Федя надевает Славкины лыжи и забегает вперед бульдозера.
Останавливаемся, отцепляем пену. Развернувшись, Славка бульдозером сгребает снег, сваливает пару сушин. Ребята подсовывают хлысты под гусеницу: «нарезают» дрова. Распалили костер. Талип уже набил в ведро снегу и пристраивает на таган.
Притащили ящик с крупами, ведерный чайник. Хлеб положили в ведро и поставили поближе к огню. Отойдет, будет как свежий. Расселись на бревнах вокруг костра, греем портянки. Вода в ведрах скоро закипает. Талип бросает туда рожки, соль. Он дает вареву прокипеть и вываливает туда тушенку. Похлебка получилась — даже ложка стоит. Едим в рукавицах. Ложка на морозе, пока ее ко рту несешь, обрастает жиром. Но ничего — с такой едой жить можно. Андрей ждет, когда можно будет взять ведро и выскребать до дна — собакам. Он просит Талипа дать каждой по кусочку масла.
— С масла глаза узкий будет, — хмыкает Талип.
Славка заваривает морской чаек: бросает в чайник заварку, немного держит над огнем и к столу. Выпили по кружке.
— По коням! — командую.
— Я тоже с вами, — говорит Димка. — В этой душегубке ходули девать некуда.
— Ты бы хоть запахнулся, Дима.
— Тут, дед, гриппа не бывает и до скончания века не будет, — философствует Димка и лезет в пену. — Ты замечал, дед, что у нас здесь никто не болеет? Никакая холера не берет. Ты думаешь почему?
Бульдозер дергает с места пену. И Димка окапывается поглубже.
— А когда тут хворать?
— Не знаешь, дед. Так вот я тебе скажу. Ученый Тюкин открыл летучие вещества в растениях — фитонциды. Они обладают способностью убивать болезнетворные микробы. А сколько тут леса! Дыхнул гриппком — и фитонциды сожрали его. Никакой инфекции.
— Природа есть природа, — поддакнул Федя из темного угла пены. Каждому природой дано свое. — Федя раскуривает папироску и продолжает: — Вот, к примеру, одним слабое сердце и крепкие нервы. Другим — крепкое сердце — зато слабые нервы… Только бы солярки хватило, — заключил Федя.

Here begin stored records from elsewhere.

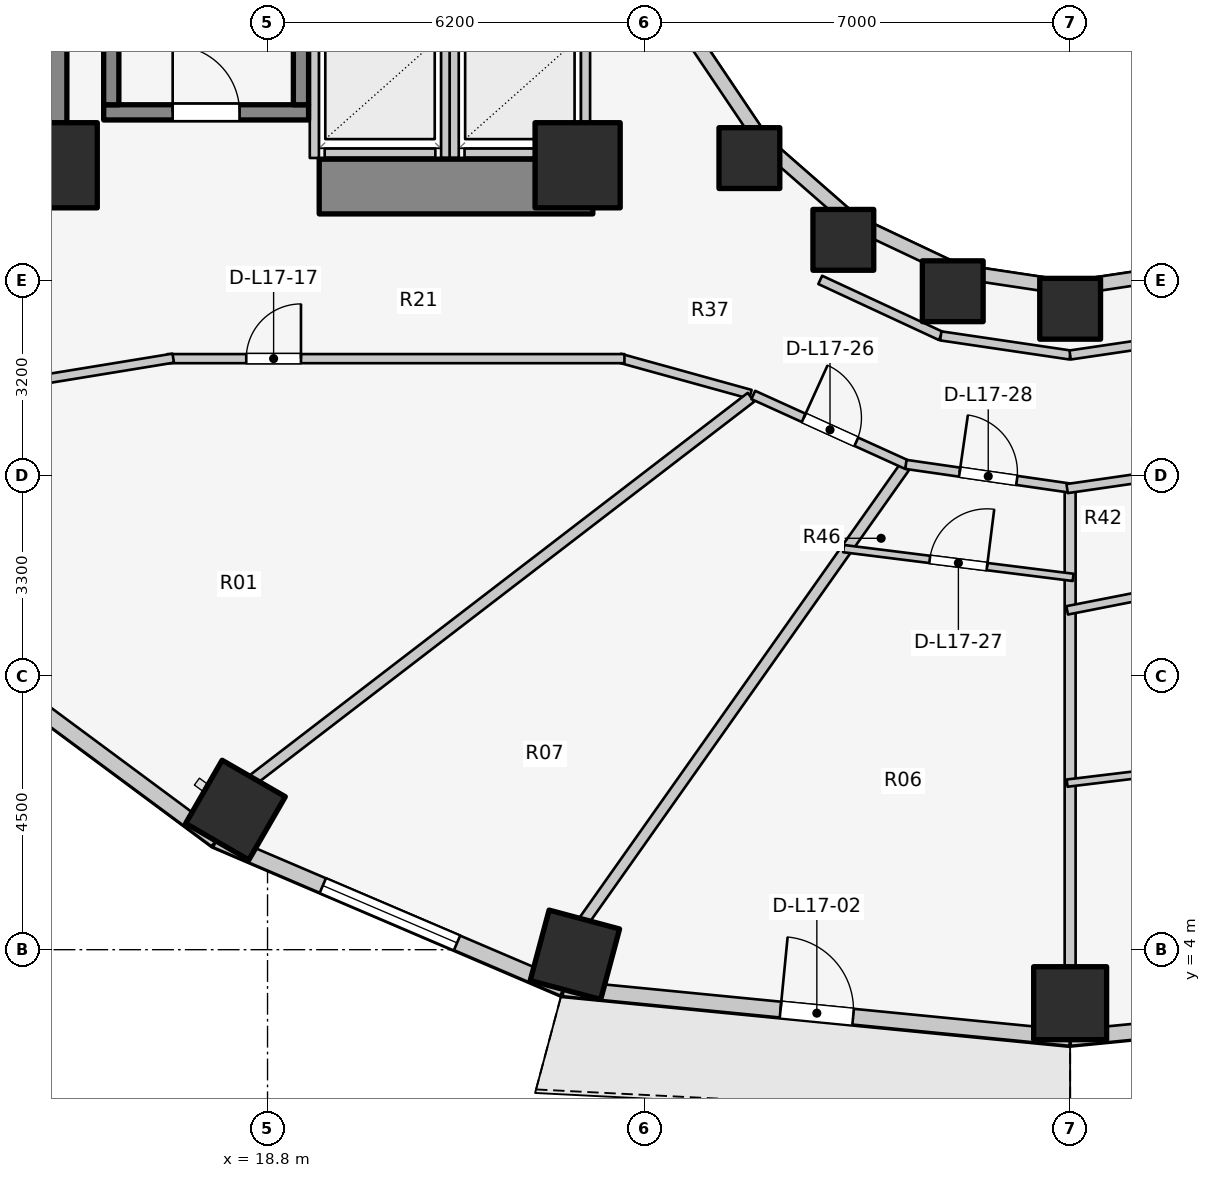
"""IFC4 building model, lengths in metres.
Left out: names, types, materials, properties, quantities, classifications, styles, units other than length and angle.
Written with IfcOpenShell. Run it as: python <this file> out.ifc"""

import sys

from ifc_helpers import new_model, si_unit, direction, frame, frame_2d, origin, origin_2d, place, context, subcontext, project, spatial, rectangle, extrude, element, fill, save


model = new_model("IFC4")
c1 = context("Model", 3, precision=1e-05, world=origin(), true_north=direction((0.0, 1.0)))
c2 = subcontext(c1, "Body", "Model", "MODEL_VIEW")
j1 = project(units=[si_unit("LENGTHUNIT", "METRE"), si_unit("PLANEANGLEUNIT", "RADIAN")], contexts=[c1])
p1 = place(None, origin())
s1 = spatial("IfcSite", under=j1, at=p1, CompositionType="ELEMENT")
p2 = place(p1, origin())
s2 = spatial("IfcBuilding", under=s1, at=p2, CompositionType="ELEMENT")
p3 = place(p2, frame((0.0, 0.0, 58.6)))
s3 = spatial("IfcBuildingStorey", under=s2, at=p3, CompositionType="ELEMENT", Elevation=58.6)
p4 = place(p3, frame((15.05, 17.05, 0.0), z_axis=(0.0, 0.0, 1.0), x_axis=(0.0, 1.0, 0.0)))
e1 = element("IfcWall", 1, at=p4, inside=s3, PredefinedType="SHEAR", context=c2, shape_type="SweptSolid", body=[
    extrude(rectangle(XDim=12.8, YDim=0.9, at=frame_2d((6.4, 0.0))), origin(), (0.0, 0.0, 1.0), 3.1),
])
p5 = place(p3, frame((19.65, 16.55, 0.0), z_axis=(0.0, 0.0, 1.0), x_axis=(1.0, 0.0, 0.0)))
e2 = element("IfcWall", 2, at=p5, inside=s3, PredefinedType="SHEAR", context=c2, shape_type="SweptSolid", body=[
    extrude(rectangle(XDim=4.5, YDim=0.9, at=frame_2d((2.25, 0.0))), origin(), (0.0, 0.0, 1.0), 3.1),
])
p6 = place(p3, frame((16.105, 17.77, 0.0), z_axis=(0.0, 0.0, 1.0), x_axis=(1.0, 0.0, 0.0)))
e3 = element("IfcWall", 3, at=p6, inside=s3, PredefinedType="SOLIDWALL", context=c2, shape_type="SweptSolid", body=[
    extrude(rectangle(XDim=3.37, YDim=0.25, at=frame_2d((1.685, 0.0))), origin(), (0.0, 0.0, 1.0), 3.1),
])
p7 = place(p6, frame((1.135, 0.0, 0.0)))
e4 = element("IfcOpeningElement", 4, at=p7, cuts=e3, PredefinedType="OPENING", context=c2, shape_type="SweptSolid", body=[
    extrude(rectangle(XDim=1.1, YDim=2.1, at=frame_2d((0.55, 1.05))), frame((0.0, 0.135, 0.0), z_axis=(0.0, -1.0, 0.0), x_axis=(1.0, 0.0, 0.0)), (0.0, 0.0, 1.0), 0.27),
])
for number, where, z_axis, x_axis in (
    (5, (16.23, 17.895, 0.0), (0.0, 0.0, 1.0), (0.0, 1.0, 0.0)),
    (6, (19.35, 17.895, 0.0), (0.0, 0.0, 1.0), (0.0, 1.0, 0.0)),
):
    element("IfcWall", number, at=place(p3, frame(where, z_axis=z_axis, x_axis=x_axis)), inside=s3, PredefinedType="SOLIDWALL", context=c2, shape_type="SweptSolid", body=[
        extrude(rectangle(XDim=7.81, YDim=0.25, at=frame_2d((3.905, 0.0))), origin(), (0.0, 0.0, 1.0), 3.1),
    ])
for number, where, z_axis, x_axis in (
    (7, (15.3, 16.9, 0.0), (0.0, 0.0, 1.0), (1.0, 0.0, 0.0)),
    (8, (23.9, 16.9, 0.0), (0.0, 0.0, 1.0), (1.0, 0.0, 0.0)),
):
    element("IfcColumn", number, at=place(p3, frame(where, z_axis=z_axis, x_axis=x_axis)), inside=s3, PredefinedType="COLUMN", context=c2, shape_type="SweptSolid", body=[
        extrude(rectangle(XDim=1.4, YDim=1.4, at=origin_2d()), origin(), (0.0, 0.0, 1.0), 3.1),
    ])
for number, where, z_axis, x_axis in (
    (9, (26.725, 17.018, 0.0), (0.0, 0.0, 1.0), (1.0, 0.0, 0.0)),
    (10, (28.27, 15.673, 0.0), (0.0, 0.0, 1.0), (1.0, 0.0, 0.0)),
):
    element("IfcColumn", number, at=place(p3, frame(where, z_axis=z_axis, x_axis=x_axis)), inside=s3, PredefinedType="COLUMN", context=c2, shape_type="SweptSolid", body=[
        extrude(rectangle(XDim=1.0, YDim=1.0, at=origin_2d()), origin(), (0.0, 0.0, 1.0), 3.1),
    ])
p8 = place(p3, frame((18.273, 6.296, 0.0), z_axis=(0.0, 0.0, 1.0), x_axis=(-0.5, -0.866025403784, 0.0)))
e11 = element("IfcColumn", 11, at=p8, inside=s3, PredefinedType="COLUMN", context=c2, shape_type="SweptSolid", body=[
    extrude(rectangle(XDim=1.2, YDim=1.2, at=origin_2d()), origin(), (0.0, 0.0, 1.0), 3.1),
])
p9 = place(p3, frame((30.069, 14.828, 0.0), z_axis=(0.0, 0.0, 1.0), x_axis=(1.0, 0.0, 0.0)))
e12 = element("IfcColumn", 12, at=p9, inside=s3, PredefinedType="COLUMN", context=c2, shape_type="SweptSolid", body=[
    extrude(rectangle(XDim=1.0, YDim=1.0, at=origin_2d()), origin(), (0.0, 0.0, 1.0), 3.1),
])
p10 = place(p3, frame((23.855, 3.916, 0.0), z_axis=(0.0, 0.0, 1.0), x_axis=(-0.258819045103, -0.965925826289, 0.0)))
e13 = element("IfcColumn", 13, at=p10, inside=s3, PredefinedType="COLUMN", context=c2, shape_type="SweptSolid", body=[
    extrude(rectangle(XDim=1.2, YDim=1.2, at=origin_2d()), origin(), (0.0, 0.0, 1.0), 3.1),
])
p11 = place(p3, frame((32.0, 14.54, 0.0), z_axis=(0.0, 0.0, 1.0), x_axis=(1.0, 0.0, 0.0)))
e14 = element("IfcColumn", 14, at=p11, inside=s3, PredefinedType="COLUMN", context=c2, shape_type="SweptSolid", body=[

— Я разве про нервы, я про фитонциды, — вмешался Димка. — Солярка соляркой, а вот трос на лебедке совсем истрепался — менять надо…
Едем всю ночь, только два раза и останавливались: грелись у костра. Солнце появилось из-за горы неожиданно. Снег полыхнул, да так, что глаза ослепил. Сколько снега, снег, снег, кругом снег…
— Ты живой, Андрюха?
Брезент зашевелился.
— Уже.
— Уже не уже, а на погоду надо бы тебе посмотреть.
— Надо бы, дед.
Помогаю Андрею выбраться и держу за шкирку, пока он справляет свое дело.
— Все? — спрашивает.
— А я откуда знаю, все или нет. Все так все.
— Ко-ло-о-тун, — едва выговаривает пацан. Хватаю его к себе в шубу, грею собой.
Пена идет, словно лодка по плесу. Над низкорослым лесом висит белое, словно начищенный полтинник, солнце. Слышу гул — то ли сова ухает, то ли собаки лают, то ли в ушах шумит… Нет, кажется, собаки. Вот и дымком пахнуло. Бульдозер круто забирает на косогор. Пена скособочилась и схватила бортом снег.
— Держись, Андрюха, — кричит Димка. — На море качка. — Он замахал руками и полетел в снег.
Бульдозер обогнул кромку леса и встал. Захлопали двери вагончиков. Прибежала Полина Павловна и сразу причитать:
— Ах ты, батюшки, заморозили мальчонку.
Нельсон помог ей поднять с пены сонного Андрея.
Поздоровались.
— А говоришь, лесу нет, — кивнул я на штабель.
— Это разве лес, — кривится Нельсон.
Подошли к штабелю.
— Видишь, болонь посинела.
— А что, у тебя лучше есть? Может, деляну нашел?
— Ну а этой лесине веку… кот наплакал. Из нее опоры — что из ниток буксир.